I am watching the thread going on and growing more & more amused by the second.

People are trying to make this into a very generic routine, when in fact it is used only in very specific circumstances.

The tests are there for those circumstances, not for generic behavior.

Rik Hemsley
10/21/2009 09:18 PM by
Rik Hemsley

In which case the code isn't covered by unit tests... which is the WTF.

Ayende Rahien
10/21/2009 09:20 PM by
Ayende Rahien

I am not quite sure how to respond to that, but I think I'll refer you to my recent posts about unit testing.

Mahendra Mavani
10/21/2009 09:34 PM by
Mahendra Mavani

Substring(0, numOfChars - 3) will fail for numOfChars=0,1,,2 hence FirstCharacters(0), FirstCharacters(1),FirstCharacters(2) will give you exception , provided your original string is long enough to bypass first two if conditions

Steve Py
10/21/2009 09:54 PM by
Steve Py

@ Ayende,

Well, in all honesty it should be treated as a very generic routine. You are adding it as an extension method to String so it's as public and available as it could possibly be.
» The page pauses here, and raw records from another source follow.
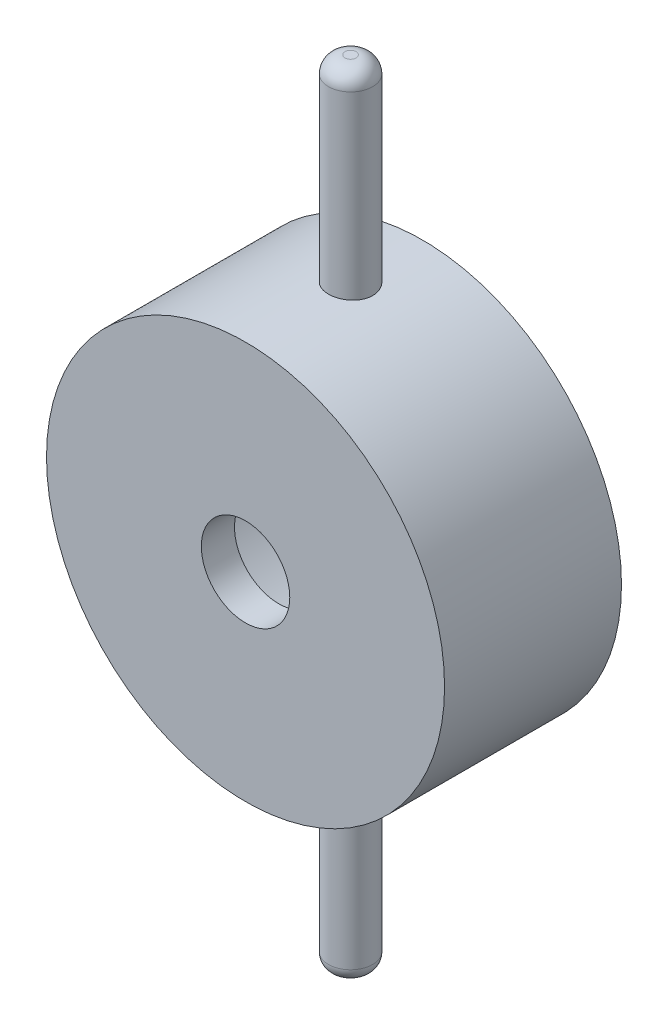
SolidWorks part; units mm, degrees
material "Plain Carbon Steel"
ref_plane "Front Plane" through (0, 0, 0) normal (0, 0, 1) x (1, 0, 0)
ref_plane "Top Plane" through (0, 0, 0) normal (0, 1, 0) x (1, 0, 0)
ref_plane "Right Plane" through (0, 0, 0) normal (1, 0, 0) x (0, 0, -1)
sketch "Hub Profile Sketch" plane through (0, 0, 0) normal (0, 0, 1) x (1, 0, 0)
  line L0 (0, 52.0937) -> (0, -51.5417) construction
  line L1 (70.2403, 0) -> (-66.3764, 0) construction
  circle A0 centre (0, 0) radius 36
  dimension "D1" = 72
extrude "Hub Ø72x32" add sketch "Hub Profile Sketch" along normal blind 32
sketch "Handle Pin Sketch Ø8" plane through (0, 0, 0) normal (0, 1, 0) x (1, 0, 0)
  line L0 (36, 0) -> (-36, 0) construction
  circle A0 centre (0, -13) radius 4
  dimension "D1" = 8
  dimension "D2" = 13
extrude "Handle Pin Ø8" add sketch "Handle Pin Sketch Ø8" along normal blind 36 from offset 35.5
fillet "Pin End Fillet R3" radius 3 1 edges at (0, 71.5, 17)
mirror "Handle Pin Mirror" about plane through (0, 0, 0) normal (0, 1, 0) of "Handle Pin Ø8"
sketch "Revolved Cut Sketch" plane through (0, 0, 0) normal (0, 1, 0) x (1, 0, 0)
  line L0 (0, 9.5355) -> (0, -35.1236) construction
  line L1 (0, -26) -> (-10, -26)
  line L2 (-10, -26) -> (-10, -28)
  line L3 (-10, -28) -> (-28, -28)
  line L4 (-28, -28) -> (-28, 0)
  line L5 (36, 0) -> (-36, 0) construction
  line L6 (-36, -32) -> (36, -32) construction
  line L7 (-28, 0) -> (0, 0)
  line L8 (0, 0) -> (0, -26)
  dimension "D1" = 10
  dimension "D2" = 2
  dimension "D3" = 6
  dimension "D4" = 28
revolve "Revolved Cut" cut sketch "Revolved Cut Sketch" angle 360 about L0
sketch "Face Recess Sketch Ø16" plane through (0, 0, 32) normal (0, 0, 1) x (1, 0, 0)
  circle A0 centre (0, 0) radius 8
  dimension "D1" = 16
extrude "Face Recess Ø16x6" cut sketch "Face Recess Sketch Ø16" against normal blind 6
fillet "Mirrored Pin Fillet R2.5" radius 2.5 1 edges at (0, -71.5, 17)
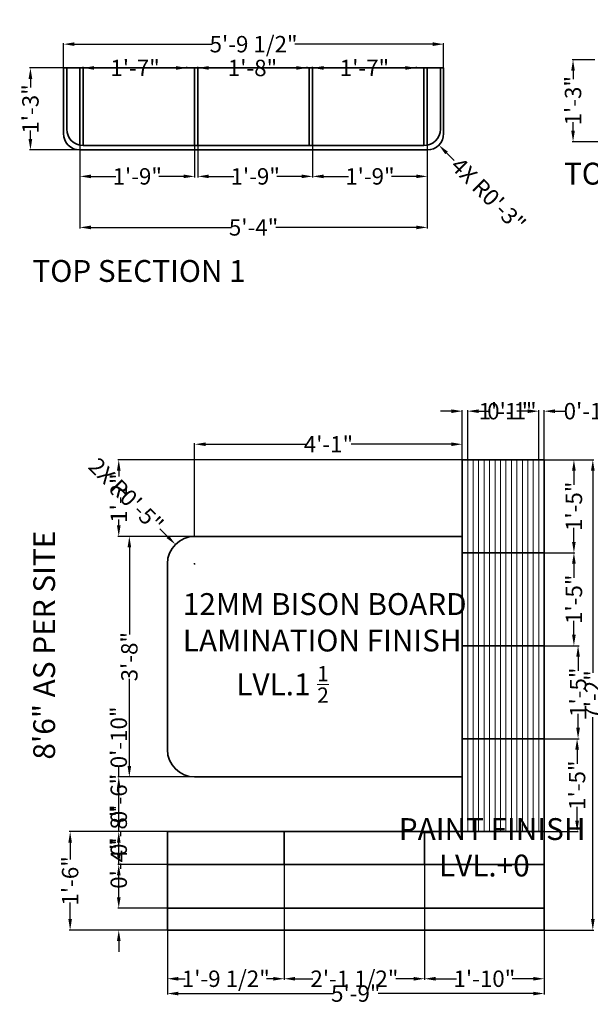
# Model space of a CAD drawing. Units: inches. Extents: x 5 to 197, y 46 to 234.
# Tile 1 of 2: x 5 to 109, y 53 to 233. Entities that reach past the tile are written whole.
import ezdxf

# ---------------------------------------------------------------- set-up
doc = ezdxf.new("R2010")
doc.units = ezdxf.units.IN
doc.header["$MEASUREMENT"] = 0
for name, color, linetype, lineweight in [('A-ANNO-DIMS', 2, 'Continuous', 18), ('A-ANNO-TEXT', 3, 'Continuous', 18), ('A-ELEV', 7, 'Continuous', 35), ('A-ELEV-PATT', 8, 'Continuous', 13), ('A-SECT', 7, 'Continuous', 35)]:
    doc.layers.add(name, color=color, linetype=linetype, lineweight=lineweight)
doc.styles.get("Standard").update_dxf_attribs({"font": 'arial.ttf'})
doc.dimstyles.get("Standard").update_dxf_attribs({"dimtxt": 3, "dimasz": 2, "dimexe": 0.18, "dimexo": 0.0625, "dimgap": 0.09, "dimtad": 0, "dimdec": 0, "dimzin": 0, "dimdsep": 46, "dimlunit": 4, "dimtxsty": 'Standard', "dimcen": 0.09, "dimadec": 0, "dimazin": 0, "dimtfac": 1, "dimtdec": 0, "dimtofl": 0, "dimtmove": 0, "dimatfit": 3, "dimfxl": 1, "dimtolj": 1, "dimtzin": 0, "dimarcsym": 1})

# ---------------------------------------------------------------- blocks, each defined once
blk = doc.blocks.new('*D1')
at = {"layer": 'A-ANNO-DIMS', "color": 0, "lineweight": -2, "transparency": 16777216}
for p, q in [((15.56, 209.27), (15.56, 194.99)), ((79.16, 209.27), (79.16, 194.99)), ((17.56, 195.17), (43.29, 195.17)), ((77.16, 195.17), (51.44, 195.17))]:
    blk.add_line(p, q, dxfattribs=at)
at = {"layer": 'A-ANNO-DIMS', "color": 0, "transparency": 16777216}
for points in [[(17.56, 195.5), (17.56, 194.83), (15.56, 195.17)], [(77.16, 195.5), (77.16, 194.83), (79.16, 195.17)]]:
    blk.add_solid(points, dxfattribs=at)
at = {"layer": 'Defpoints', "color": 0, "transparency": 16777216}
for p in [(15.56, 209.33), (79.16, 209.33), (79.16, 195.17)]:
    blk.add_point(p, dxfattribs=at)
at = {"layer": 'A-ANNO-DIMS', "color": 0, "transparency": 16777216, "insert": (47.36, 195.17), "char_height": 3, "attachment_point": 5}
blk.add_mtext('\\A1;5\'-4"', dxfattribs=at)
blk = doc.blocks.new('*D2')
at = {"layer": 'A-ANNO-DIMS', "color": 0, "lineweight": -2, "transparency": 16777216}
for p, q in [((15.56, 210.07), (15.56, 204.32)), ((36.56, 210.07), (36.56, 204.32)), ((17.56, 204.5), (22.13, 204.5)), ((34.56, 204.5), (30, 204.5))]:
    blk.add_line(p, q, dxfattribs=at)
at = {"layer": 'A-ANNO-DIMS', "color": 0, "transparency": 16777216}
for points in [[(17.56, 204.83), (17.56, 204.17), (15.56, 204.5)], [(34.56, 204.83), (34.56, 204.17), (36.56, 204.5)]]:
    blk.add_solid(points, dxfattribs=at)
at = {"layer": 'Defpoints', "color": 0, "transparency": 16777216}
for p in [(15.56, 210.13), (36.56, 210.13), (36.56, 204.5)]:
    blk.add_point(p, dxfattribs=at)
at = {"layer": 'A-ANNO-DIMS', "color": 0, "transparency": 16777216, "insert": (26.06, 204.5), "char_height": 3, "attachment_point": 5}
blk.add_mtext('\\A1;1\'-9"', dxfattribs=at)
blk = doc.blocks.new('*D3')
at = {"layer": 'A-ANNO-DIMS', "color": 0, "lineweight": -2, "transparency": 16777216}
for p, q in [((37.16, 210.07), (37.16, 204.32)), ((58.16, 210.07), (58.16, 204.32)), ((39.16, 204.5), (43.73, 204.5)), ((56.16, 204.5), (51.6, 204.5))]:
    blk.add_line(p, q, dxfattribs=at)
at = {"layer": 'A-ANNO-DIMS', "color": 0, "transparency": 16777216}
for points in [[(39.16, 204.83), (39.16, 204.17), (37.16, 204.5)], [(56.16, 204.83), (56.16, 204.17), (58.16, 204.5)]]:
    blk.add_solid(points, dxfattribs=at)
at = {"layer": 'Defpoints', "color": 0, "transparency": 16777216}
for p in [(37.16, 210.13), (58.16, 210.13), (58.16, 204.5)]:
    blk.add_point(p, dxfattribs=at)
at = {"layer": 'A-ANNO-DIMS', "color": 0, "transparency": 16777216, "insert": (47.66, 204.5), "char_height": 3, "attachment_point": 5}
blk.add_mtext('\\A1;1\'-9"', dxfattribs=at)
blk = doc.blocks.new('*D4')
at = {"layer": 'A-ANNO-DIMS', "color": 0, "lineweight": -2, "transparency": 16777216}
for p, q in [((58.16, 210.07), (58.16, 204.32)), ((79.16, 210.13), (79.16, 204.32)), ((60.16, 204.5), (64.73, 204.5)), ((77.16, 204.5), (72.6, 204.5))]:
    blk.add_line(p, q, dxfattribs=at)
at = {"layer": 'A-ANNO-DIMS', "color": 0, "transparency": 16777216}
for points in [[(60.16, 204.83), (60.16, 204.17), (58.16, 204.5)], [(77.16, 204.83), (77.16, 204.17), (79.16, 204.5)]]:
    blk.add_solid(points, dxfattribs=at)
at = {"layer": 'Defpoints', "color": 0, "transparency": 16777216}
for p in [(58.16, 210.13), (79.16, 210.19), (79.16, 204.5)]:
    blk.add_point(p, dxfattribs=at)
at = {"layer": 'A-ANNO-DIMS', "color": 0, "transparency": 16777216, "insert": (68.66, 204.5), "char_height": 3, "attachment_point": 5}
blk.add_mtext('\\A1;1\'-9"', dxfattribs=at)
blk = doc.blocks.new('*D5')
at = {"layer": 'A-ANNO-DIMS', "color": 0, "lineweight": -2, "transparency": 16777216}
for p, q in [((16.16, 224.4), (16.16, 224.51)), ((18.16, 224.33), (21.73, 224.33)), ((33.16, 224.33), (29.6, 224.33)), ((35.16, 224.4), (35.16, 224.51))]:
    blk.add_line(p, q, dxfattribs=at)
at = {"layer": 'A-ANNO-DIMS', "color": 0, "transparency": 16777216}
for points in [[(18.16, 224.67), (18.16, 224), (16.16, 224.33)], [(33.16, 224.67), (33.16, 224), (35.16, 224.33)]]:
    blk.add_solid(points, dxfattribs=at)
at = {"layer": 'Defpoints', "color": 0, "transparency": 16777216}
for p in [(16.16, 224.33), (35.16, 224.33), (35.16, 224.33)]:
    blk.add_point(p, dxfattribs=at)
at = {"layer": 'A-ANNO-DIMS', "color": 0, "transparency": 16777216, "insert": (25.66, 224.33), "char_height": 3, "attachment_point": 5}
blk.add_mtext('\\A1;1\'-7"', dxfattribs=at)
blk = doc.blocks.new('*D6')
at = {"layer": 'A-ANNO-DIMS', "color": 0, "lineweight": -2, "transparency": 16777216}
for p, q in [((37.16, 224.4), (37.16, 224.51)), ((39.16, 224.33), (43.23, 224.33)), ((55.16, 224.33), (51.1, 224.33)), ((57.16, 224.4), (57.16, 224.51))]:
    blk.add_line(p, q, dxfattribs=at)
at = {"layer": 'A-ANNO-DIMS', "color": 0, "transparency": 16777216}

You've tripped one bug, but as mentioned by Roberto, there are at least 2 issues in there. (newline replacement reduces the length by 1 for each replacement so it will crash after 4 or more CRLFs, and numOfChars cannot be less than 3.)

Leaner
10/22/2009 12:52 AM by
Leaner

For your specific error, this will occur when numOfChars-3 > self.Length after the replacement of the NewLine with " ".

This requires that there be 4+ NewLines in the string (and using multibyte NewLine), and numOfChars is between string.Length and (string.Length - numOfNewLine) + 4

Johannes Rudolph
10/22/2009 05:19 AM by
Johannes Rudolph

I didn't take time to read the comments, but here are my two cents:

It's preety easy to Spot: You don't check numOfChars > 3

Tim Van Wassenhove
10/22/2009 06:05 AM by
Tim Van Wassenhove

Despite the Length & Offset issues, i find something a lot more troublesome:

The fact that a method "FirstCharacters" removes spaces and that it appends "..." in some situations is something that i would consider a very naste side-effect of a method that returns the first characters of a string.

Eyan
10/22/2009 06:30 AM by
Eyan

The string length could be less than 3 charachters

Jochen Jonckheere
10/22/2009 07:17 AM by
Jochen Jonckheere

Well I had Pex running over the code and it has found the ArgumentOutOfRangeException 2 times. Once for numOfChars 0 and once for numOfChars as a negative number.

Did I cheat, or did I find a use for Pex? ;-)

Koen
10/22/2009 08:06 AM by
Koen

The second parameter of SubString() would be negative if numOfChars == 1 or 2...

Billy Stack
10/22/2009 09:26 AM by
Billy Stack

You are missing another pre-condition:

If(numOfChars <0) { throw ArgumentException(); } or

If(numOfChars <0) { return "" }

depending on desired solution...

GarlandGreene
10/22/2009 10:11 AM by
GarlandGreene

You check for a shorter string length than numOfChars but not for one with the same length (which you could immediately return without change). Another one is that numOfChars could be smaller than 3, which would also cause the same exception as the length parameter for the substring would negative.

Jamie
10/22/2009 11:11 AM by
Jamie

if (self == null)

    return "";

if(self.Length == 0)

    return "";
Stephen Lacy
10/22/2009 12:04 PM by
Stephen Lacy

the first problem I would find with the method is that it doesn't describe what it does in it's name.

Harry
10/22/2009 01:45 PM by
Harry

@ Ayende,

So, are you saying the possible negative parameters for SubString is not the problem since this routine is not designed for that purpose anyway? If so, I am out of clue why it throws that error. Can you shed some light?

meo
10/22/2009 02:08 PM by
meo

Yes, the bug is that on Win Environment.NewLine is 2-bytes, and you replace it with one-byte space, so, for instance, this code (5 line breaks in it):

@"

".FirstCharacters(10);

gives you an exception you've listed above.

M?

Peter
10/23/2009 05:29 AM by
Peter

Get creative people! I say Ayende needs to replace what he has with code that calls Regex.Replace successively, each time building on the last Regex.Replace. Incremental design at its best!

Neil Mosafi
11/14/2009 03:48 PM by
Neil Mosafi

So what's the answer I'm curious now!?

Ayende Rahien
11/15/2009 02:43 AM by
Ayende Rahien

A string of size 256 with a "\r\n" somewhere in it

Comments have been closed on this topic.